Warning
Work in Progress — Expect Daily Breaking Changes
This plugin is under active development and is not stable. The workflow, commands, skills, and configuration are subject to change at any time — often daily. If you are using this, expect things to break. There is no guarantee of backwards compatibility between any two versions. Proceed accordingly.
An intelligent, phased workflow plugin for Claude Code that takes software projects from initial idea through complete, validated implementation. JSF enforces test-driven development discipline, security review gates, and structured human validation checkpoints — so you ship code that works and is safe.
- Simple over clever: JSF builds only what you ask for, with no speculative features or premature abstractions
- Safety by default: hooks block dangerous shell, git, and SQL commands before they execute
- Validated progress: each phase must pass automated tests and (when required) manual review before proceeding
- Persistent state: work survives interruptions via a file-based memory system; resume where you left off
- Open Claude Code and navigate to Settings → Plugins → Marketplace
- Search for "jsf" or "John's Software Factory"
- Click Install
That's it. No additional setup is required for basic use.
JSF emits OpenTelemetry spans for every Claude session and tool call, giving you APM-style visibility into what Claude is doing and how long each step takes. Traces appear in Jaeger (or any OTLP-compatible backend) with no extra configuration beyond enabling Claude Code's standard telemetry.

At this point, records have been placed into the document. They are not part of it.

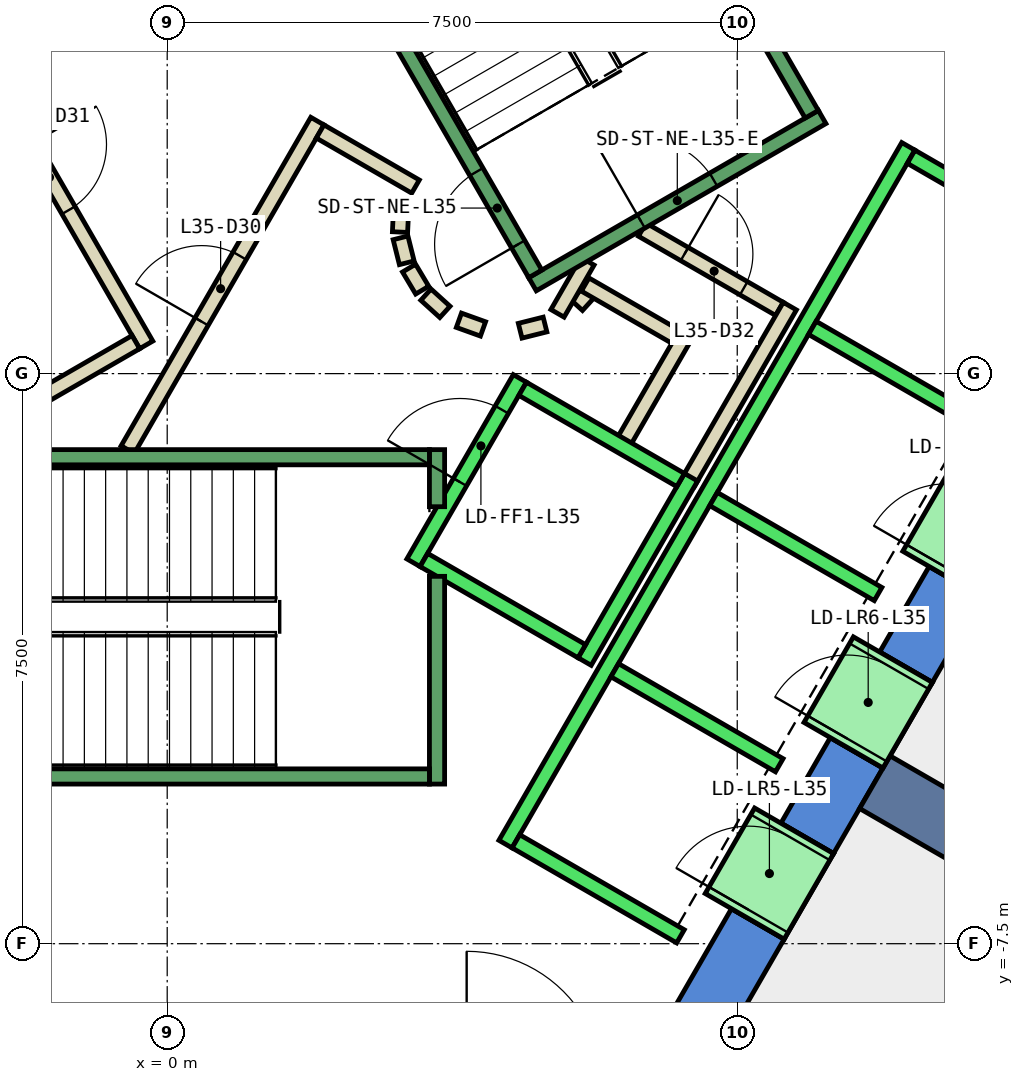
"""IFC4 building model, lengths in metres.
Left out: names, types, materials, properties, quantities, classifications, styles, units other than length and angle.
Written with IfcOpenShell. Run it as: python <this file> out.ifc"""

import sys

from ifc_helpers import new_model, si_unit, direction, frame, frame_2d, origin, place, context, subcontext, project, spatial, polyline, rectangle, outline, extrude, element, fill, save


model = new_model("IFC4")
c1 = context("Model", 3, precision=1e-05, world=origin(), true_north=direction((0.0, 1.0)))
c2 = subcontext(c1, "Body", "Model", "MODEL_VIEW")
j1 = project(units=[si_unit("LENGTHUNIT", "METRE"), si_unit("PLANEANGLEUNIT", "RADIAN")], contexts=[c1])
p1 = place(None, origin())
s1 = spatial("IfcSite", under=j1, at=p1, CompositionType="ELEMENT")
p2 = place(p1, origin())
s2 = spatial("IfcBuilding", under=s1, at=p2, CompositionType="ELEMENT")
p3 = place(p2, frame((0.0, 0.0, 159.2)))
s3 = spatial("IfcBuildingStorey", under=s2, at=p3, CompositionType="ELEMENT", Elevation=159.2)
p4 = place(p3, frame((0.0, 0.0, -0.4)))
e1 = element("IfcWall", 1, at=p4, inside=s3, PredefinedType="SHEAR", context=c2, shape_type="SweptSolid", body=[
    extrude(outline(polyline([(8.517, 11.748), (7.824, 11.348), (12.933, 2.5), (13.856, 2.5), (8.517, 11.748)])), origin(), (0.0, 0.0, 1.0), 4.2),
])
p5 = place(p3, frame((0.0, 0.0, -0.4)))
e2 = element("IfcWall", 2, at=p5, inside=s3, PredefinedType="SHEAR", context=c2, shape_type="SweptSolid", body=[
    extrude(outline(polyline([(8.117, -7.44), (7.424, -7.04), (6.466, -8.7), (6.928, -9.5), (8.117, -7.44)])), origin(), (0.0, 0.0, 1.0), 4.2),
])
p6 = place(p3, frame((0.0, 0.0, -0.4)))
e3 = element("IfcWall", 3, at=p6, inside=s3, PredefinedType="SHEAR", context=c2, shape_type="SweptSolid", body=[
    extrude(outline(polyline([(9.417, -5.189), (8.724, -4.789), (8.075, -5.914), (8.767, -6.314), (9.417, -5.189)])), origin(), (0.0, 0.0, 1.0), 4.2),
])
p7 = place(p3, frame((0.0, 0.0, -0.4)))
e4 = element("IfcWall", 4, at=p7, inside=s3, PredefinedType="SHEAR", context=c2, shape_type="SweptSolid", body=[
    extrude(outline(polyline([(10.717, -2.937), (10.025, -2.537), (9.374, -3.663), (10.067, -4.063), (10.717, -2.937)])), origin(), (0.0, 0.0, 1.0), 4.2),
])
p8 = place(p3, frame((0.0, 0.0, 3.6)))
e5 = element("IfcWall", 5, at=p8, inside=s3, PredefinedType="SHEAR", context=c2, shape_type="SweptSolid", body=[
    extrude(outline(polyline([(8.767, -6.314), (8.075, -5.914), (7.424, -7.04), (8.117, -7.44), (8.767, -6.314)])), origin(), (0.0, 0.0, 1.0), 0.2),
])
p9 = place(p3, frame((0.0, 0.0, 3.6)))
e6 = element("IfcWall", 6, at=p9, inside=s3, PredefinedType="SHEAR", context=c2, shape_type="SweptSolid", body=[
    extrude(outline(polyline([(10.067, -4.063), (9.374, -3.663), (8.724, -4.789), (9.417, -5.189), (10.067, -4.063)])), origin(), (0.0, 0.0, 1.0), 0.2),
])
p10 = place(p3, frame((0.0, 0.0, 3.6)))
e7 = element("IfcWall", 7, at=p10, inside=s3, PredefinedType="SHEAR", context=c2, shape_type="SweptSolid", body=[
    extrude(outline(polyline([(11.367, -1.811), (10.675, -1.411), (10.025, -2.537), (10.717, -2.937), (11.367, -1.811)])), origin(), (0.0, 0.0, 1.0), 0.2),
])
p11 = place(p3, frame((9.31, -5.375, -0.4), z_axis=(0.0, 0.0, 1.0), x_axis=(0.866017533419, -0.500013631625, 0.0)))
e8 = element("IfcWall", 8, at=p11, inside=s3, PredefinedType="SHEAR", context=c2, shape_type="SweptSolid", body=[
    extrude(rectangle(XDim=9.0, YDim=0.8, at=frame_2d((4.5, 0.0))), origin(), (0.0, 0.0, 1.0), 4.2),
])
p12 = place(p3, frame((5.39, 0.898, 0.0), z_axis=(0.0, 0.0, 1.0), x_axis=(0.673828488714, 0.738887791073, 0.0)))
e9 = element("IfcWall", 9, at=p12, inside=s3, PredefinedType="PARTITIONING", context=c2, shape_type="SweptSolid", body=[
    extrude(rectangle(XDim=0.263, YDim=0.2, at=frame_2d((0.131, 0.0))), origin(), (0.0, 0.0, 1.0), 3.8),
])
p13 = place(p3, frame((5.499, 1.172, 0.0), z_axis=(0.0, 0.0, 1.0), x_axis=(0.866333505267, -0.499465972466, 0.0)))
e10 = element("IfcWall", 10, at=p13, inside=s3, PredefinedType="PARTITIONING", context=c2, shape_type="SweptSolid", body=[
    extrude(rectangle(XDim=1.374, YDim=0.2, at=frame_2d((0.687, 0.0))), origin(), (0.0, 0.0, 1.0), 3.8),
])
p14 = place(p3, frame((6.826, 0.522, 0.0), z_axis=(0.0, 0.0, 1.0), x_axis=(-0.500016722714, -0.866015748706, 0.0)))
e11 = element("IfcWall", 11, at=p14, inside=s3, PredefinedType="PARTITIONING", context=c2, shape_type="SweptSolid", body=[
    extrude(rectangle(XDim=1.7, YDim=0.2, at=frame_2d((0.85, 0.0))), origin(), (0.0, 0.0, 1.0), 3.8),
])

Enable tracing by setting these env vars before running claude:
# Required — opt in to Claude Code telemetry (enables JSF tracing hooks too)
export CLAUDE_CODE_ENABLE_TELEMETRY=1
# Point at your OTLP collector (gRPC)
export OTEL_EXPORTER_OTLP_PROTOCOL=grpc
export OTEL_EXPORTER_OTLP_ENDPOINT=http://localhost:4317Once set, every Claude session automatically produces:
| Span | When emitted |
|---|---|
claude.session |
Root span — opened on session start, closed on stop |
claude.tool_call |
One child span per tool invocation (Bash, Read, Edit, etc.) |
claude.session.stop |
Session ended normally |
claude.session.subagent_stop |
Sub-agent completed |
claude.session.compact |
Context compaction triggered |
claude.session.notification |
Notification event fired |
factory.task |
Full JSF workflow run (linked to claude.session) |
factory.phase |
Each implementation phase (linked to claude.session) |
All spans are sent to your OTLP collector under service.name=jsf. View them in the Jaeger UI at http://localhost:16686 — select service jsf and you'll see the full trace tree for your session.
See the Claude Code monitoring documentation for the full list of supported environment variables, multi-team tagging, and backend configuration options.
The observability/ directory contains a ready-to-run Docker Compose stack that
receives, stores, and visualises all three OTel signal types — metrics, traces,
and logs — using entirely open-source components:
| Component | Image | Purpose |
|---|---|---|
| otel-collector | otel/opentelemetry-collector-contrib:0.92.0 |
Receives OTLP and fans out to backends |
| Prometheus | prom/prometheus:v2.48.0 |
Metric storage and query |
| Jaeger | jaegertracing/all-in-one:1.53 |
Trace storage and UI |
| Loki | grafana/loki:2.9.3 |
Log storage |
| Grafana | grafana/grafana:10.2.3 |
Unified dashboard (datasources pre-wired) |
Start the stack:
cd observability/
docker compose up -dService endpoints:
| Service | URL |
|---|---|
| Grafana | http://localhost:3000 (admin / admin) |
| Prometheus | http://localhost:9090 |
| Jaeger UI | http://localhost:16686 |
| Loki | http://localhost:3100/ready |
| OTLP gRPC | localhost:4317 |
| OTLP HTTP | localhost:4318 |
Stop and remove volumes:
docker compose down -vClaude Code can export metrics and events to the local collector via the
standard OpenTelemetry environment variables. Set these before running claude:
# Required — opt in to telemetry
export CLAUDE_CODE_ENABLE_TELEMETRY=1
# Send both metrics and logs/events over OTLP
export OTEL_METRICS_EXPORTER=otlp
export OTEL_LOGS_EXPORTER=otlp
# Point at the local collector's gRPC endpoint
export OTEL_EXPORTER_OTLP_PROTOCOL=grpc
export OTEL_EXPORTER_OTLP_ENDPOINT=http://localhost:4317
# Optional: faster export intervals for local development
export OTEL_METRIC_EXPORT_INTERVAL=10000 # 10s (default: 60s)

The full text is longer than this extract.